Peter Blake – Twelve years on, his legacy continues
Published on December 5th, 2013
Sir Peter James Blake, KBE (1 October 1948 – 5 December 2001) was a New Zealand yachtsman who won the 1989–90 Whitbread Round the World Race, held the Jules Verne Trophy from 1994 to 1997 by setting the fastest time around the world as co-skipper of ENZA New Zealand, and led his country to successive victories in the America’s Cup.
In honour of his services to yachting, Blake was appointed a Knight Commander of the Order of the British Empire in 1995, and received an honorary doctorate in 2000 from Auckland University of Technology.
In 1997, Blake became the Cousteau Society’s head of expeditions, and skipper of the Antarctic Explorer, which he later purchased from the Society and renamed Seamaster. After leaving the Society he led expeditions to Antarctica and the Amazon aboard Seamaster during 2001. The same year Blake was named special envoy for the UN Environment Programme. He began filming documentaries for blakexpeditions, a company he founded.
Blake was shot by pirates while monitoring environment change on the Amazon River on 5 December 2001. He was 53 years old.

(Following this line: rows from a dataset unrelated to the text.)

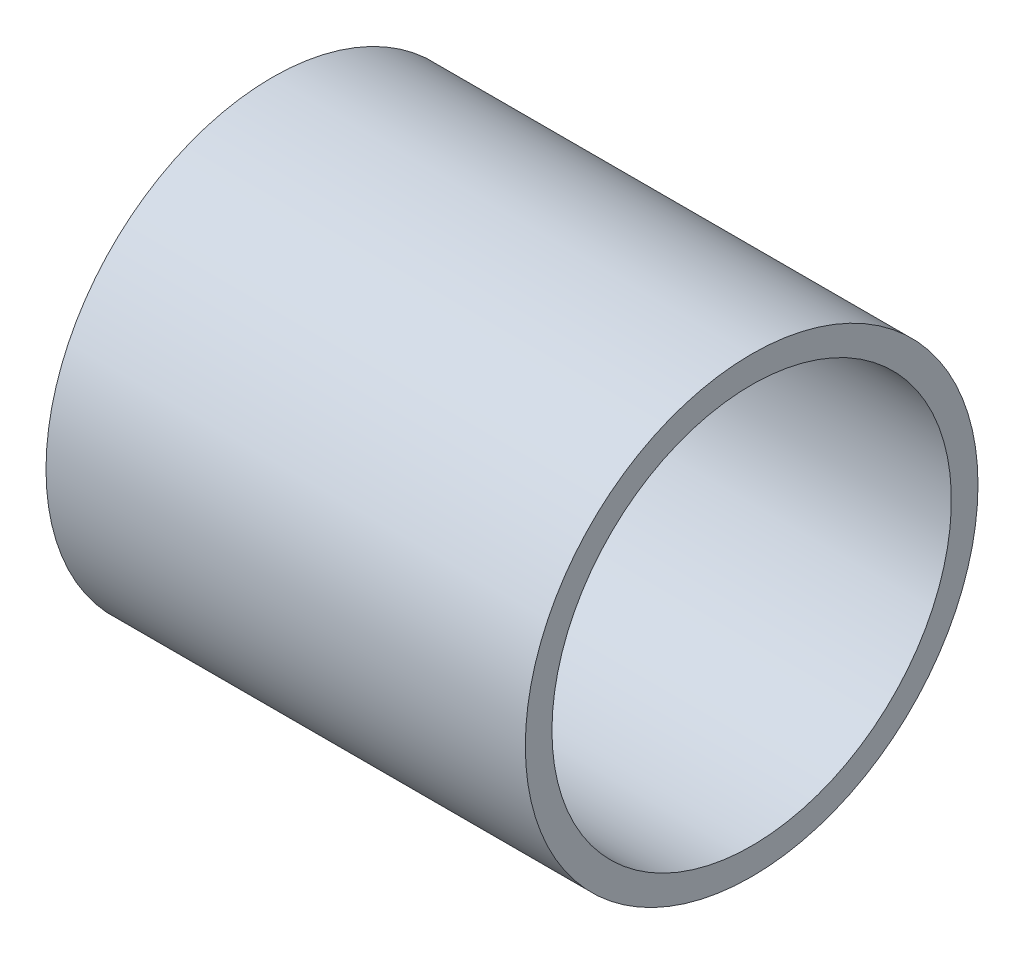
SolidWorks part; units mm, degrees
ref_plane "Front Plane" through (0, 0, 0) normal (0, 0, 1) x (1, 0, 0)
ref_plane "Top Plane" through (0, 0, 0) normal (0, 1, 0) x (1, 0, 0)
ref_plane "Right Plane" through (0, 0, 0) normal (1, 0, 0) x (0, 0, -1)
other "Configuration Table"
sketch "Sketch1" plane through (0, 0, 0) normal (1, 0, 0) x (0, 0, -1)
  circle A0 centre (0, 0) radius 85
  circle A1 centre (0, 0) radius 75
  dimension "D1" = 170
  dimension "D2" = 150
extrude "Boss-Extrude1" add sketch "Sketch1" along normal blind 180
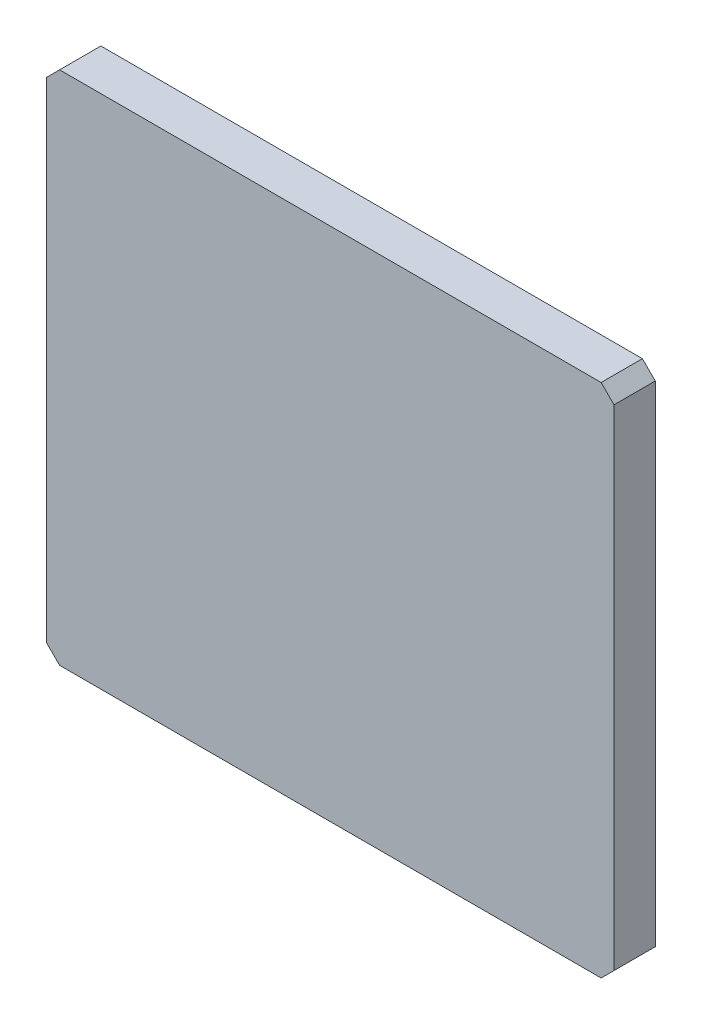
SolidWorks part; units mm, degrees
material "Q235-A "
ref_plane "前视基准面" through (0, 0, 0) normal (0, 0, 1) x (1, 0, 0)
ref_plane "上视基准面" through (0, 0, 0) normal (0, 1, 0) x (1, 0, 0)
ref_plane "右视基准面" through (0, 0, 0) normal (1, 0, 0) x (0, 0, -1)
sketch "草图1" plane through (0, 0, 0) normal (0, 0, 1) x (1, 0, 0)
  line L1 (0, 0) -> (220, 0)
  line L2 (0, 0) -> (0, -200)
  line L3 (0, -200) -> (220, -200)
  line L4 (220, 0) -> (220, -200)
  dimension "D1" = 200
  dimension "D2" = 220
extrude "凸台-拉伸1" add sketch "草图1" along normal blind 16
sketch "草图2" plane through (0, 0, 16) normal (0, 0, 1) x (1, 0, 0)
  line L0 (0, -100) -> (220, -100) construction
  line L1 (0, 0) -> (0, -200) construction
  line L2 (220, -200) -> (220, 0) construction
  line L3 (110, -55) -> (110, -100) construction
  line L4 (50, -55) -> (170, -55) construction
  line L5 (50, -55) -> (50, -145) construction
  line L6 (50, -145) -> (170, -145) construction
  line L7 (170, -55) -> (170, -145) construction
  line L8 (50, -55) -> (170, -145) construction
  line L9 (50, -145) -> (170, -55) construction
  line L10 (29.75, -119.75) -> (70.25, -170.25) construction
  line L11 (34.75, -29.75) -> (65.25, -29.75)
  line L12 (29.75, -34.75) -> (29.75, -75.25)
  line L13 (34.75, -80.25) -> (65.25, -80.25)
  line L14 (70.25, -34.75) -> (70.25, -75.25)
  line L15 (29.75, -29.75) -> (70.25, -80.25) construction
  line L16 (29.75, -80.25) -> (70.25, -29.75) construction
  line L17 (29.75, -170.25) -> (70.25, -119.75) construction
  line L18 (70.25, -165.25) -> (70.25, -124.75)
  line L19 (34.75, -119.75) -> (65.25, -119.75)
  line L20 (29.75, -165.25) -> (29.75, -124.75)
  line L21 (34.75, -170.25) -> (65.25, -170.25)
  line L22 (190.25, -170.25) -> (149.75, -119.75) construction
  line L23 (190.25, -80.25) -> (149.75, -29.75) construction
  line L24 (190.25, -29.75) -> (149.75, -80.25) construction
  line L25 (190.25, -119.75) -> (149.75, -170.25) construction
  line L26 (170, -55) -> (170, -145) construction
  line L27 (185.25, -170.25) -> (154.75, -170.25)
  line L28 (190.25, -165.25) -> (190.25, -124.75)
  line L29 (185.25, -119.75) -> (154.75, -119.75)
  line L30 (149.75, -165.25) -> (149.75, -124.75)
  line L31 (149.75, -34.75) -> (149.75, -75.25)
  line L32 (185.25, -80.25) -> (154.75, -80.25)
  line L33 (190.25, -34.75) -> (190.25, -75.25)
  line L34 (185.25, -29.75) -> (154.75, -29.75)
  circle A0 centre (50, -55) radius 20 construction
  circle A1 centre (50, -145) radius 20 construction
  circle A2 centre (170, -145) radius 20 construction
  circle A3 centre (170, -55) radius 20 construction
  arc A4 (70.25, -75.25) -> (65.25, -80.25) centre (65.25, -75.25) cw
  arc A5 (34.75, -80.25) -> (29.75, -75.25) centre (34.75, -75.25) cw
  arc A6 (70.25, -34.75) -> (65.25, -29.75) centre (65.25, -34.75) ccw
  arc A7 (29.75, -34.75) -> (34.75, -29.75) centre (34.75, -34.75) cw
  circle A8 centre (50, -145) radius 20 construction
  arc A9 (29.75, -165.25) -> (34.75, -170.25) centre (34.75, -165.25) ccw
  arc A10 (70.25, -165.25) -> (65.25, -170.25) centre (65.25, -165.25) cw
  arc A11 (34.75, -119.75) -> (29.75, -124.75) centre (34.75, -124.75) ccw
  arc A12 (70.25, -124.75) -> (65.25, -119.75) centre (65.25, -124.75) ccw
  circle A13 centre (170, -145) radius 20 construction
  circle A14 centre (170, -145) radius 20 construction
  circle A15 centre (170, -55) radius 20 construction
  arc A16 (149.75, -124.75) -> (154.75, -119.75) centre (154.75, -124.75) cw
  arc A17 (185.25, -119.75) -> (190.25, -124.75) centre (185.25, -124.75) cw
  arc A18 (149.75, -165.25) -> (154.75, -170.25) centre (154.75, -165.25) ccw
  arc A19 (190.25, -165.25) -> (185.25, -170.25) centre (185.25, -165.25) cw
  arc A20 (190.25, -34.75) -> (185.25, -29.75) centre (185.25, -34.75) ccw
  arc A21 (149.75, -34.75) -> (154.75, -29.75) centre (154.75, -34.75) cw
  arc A22 (185.25, -80.25) -> (190.25, -75.25) centre (185.25, -75.25) ccw
  arc A23 (149.75, -75.25) -> (154.75, -80.25) centre (154.75, -75.25) ccw
  point P6 (110, -100)
  dimension "D4" = 40
  dimension "D7" = 5
  dimension "D1" = 120
  dimension "D2" = 90
  dimension "D3" = 50
  dimension "D5" = 40.5
  dimension "D6" = 50.5
chamfer "倒角1" distance 5 angle 45 4 edges at (0, -200, 8) (220, -200, 8) (220, 0, 8) (0, 0, 8)
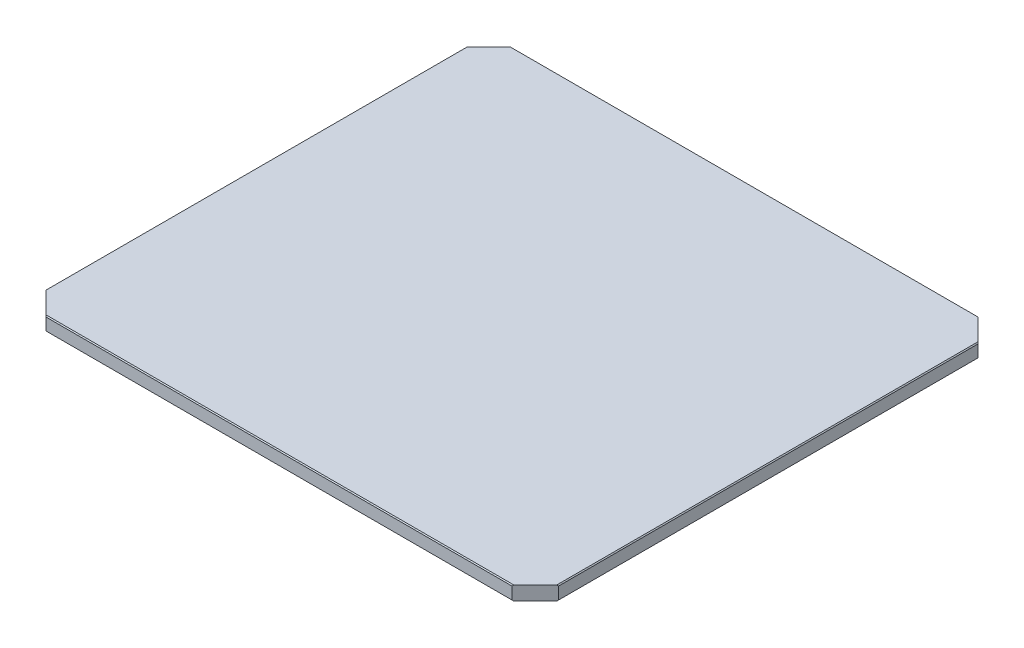
from build123d import *

# Parameters (mm, degrees)
SKETCH1_W      = 110
SKETCH1_H      = 100
EXTRUDE1_DEPTH = 3
CHAMFER1_SIZE  = 5
CHAMFER2_SIZE  = 0.2


with BuildPart() as part:
    # Sketch1 → Extrude1 (new body)
    with BuildSketch(Plane(origin=(0, 0, 0), x_dir=(1, 0, 0), z_dir=(0, 1, 0))):
        Rectangle(SKETCH1_W, SKETCH1_H)
    extrude(amount=EXTRUDE1_DEPTH)

    # Chamfer1
    chamfer1_edges = [part.edges().sort_by_distance(p)[0] for p in [
        (-55, 1.5, -50),
        (55, 1.5, -50),
        (55, 1.5, 50),
        (-55, 1.5, 50),
    ]]
    chamfer(chamfer1_edges, length=CHAMFER1_SIZE)

    # Chamfer2
    chamfer2_edges = [part.edges().sort_by_distance(p)[0] for p in [
        (0, 0, 50),
        (0, 3, 50),
        (-55, 0, 0),
        (0, 0, -50),
        (55, 0, 0),
        (-55, 3, 0),
        (55, 3, 0),
        (0, 3, -50),
    ]]
    chamfer(chamfer2_edges, length=CHAMFER2_SIZE)


solid = part.part

The Sir Peter Blake Trust was launched on 25 June 2004, and the Government confirmed a $3.8 million endowment – representing a dollar for every New Zealander – for the creation of an organisation which would honour Sir Peter’s leadership, love for the environment, and dedication to young people.
Through its programmes the Trust strives to honour Sir Peter’s legacy by inspiring his visionary leadership qualities in all New Zealanders and keeping his spirit and values alive for future generations.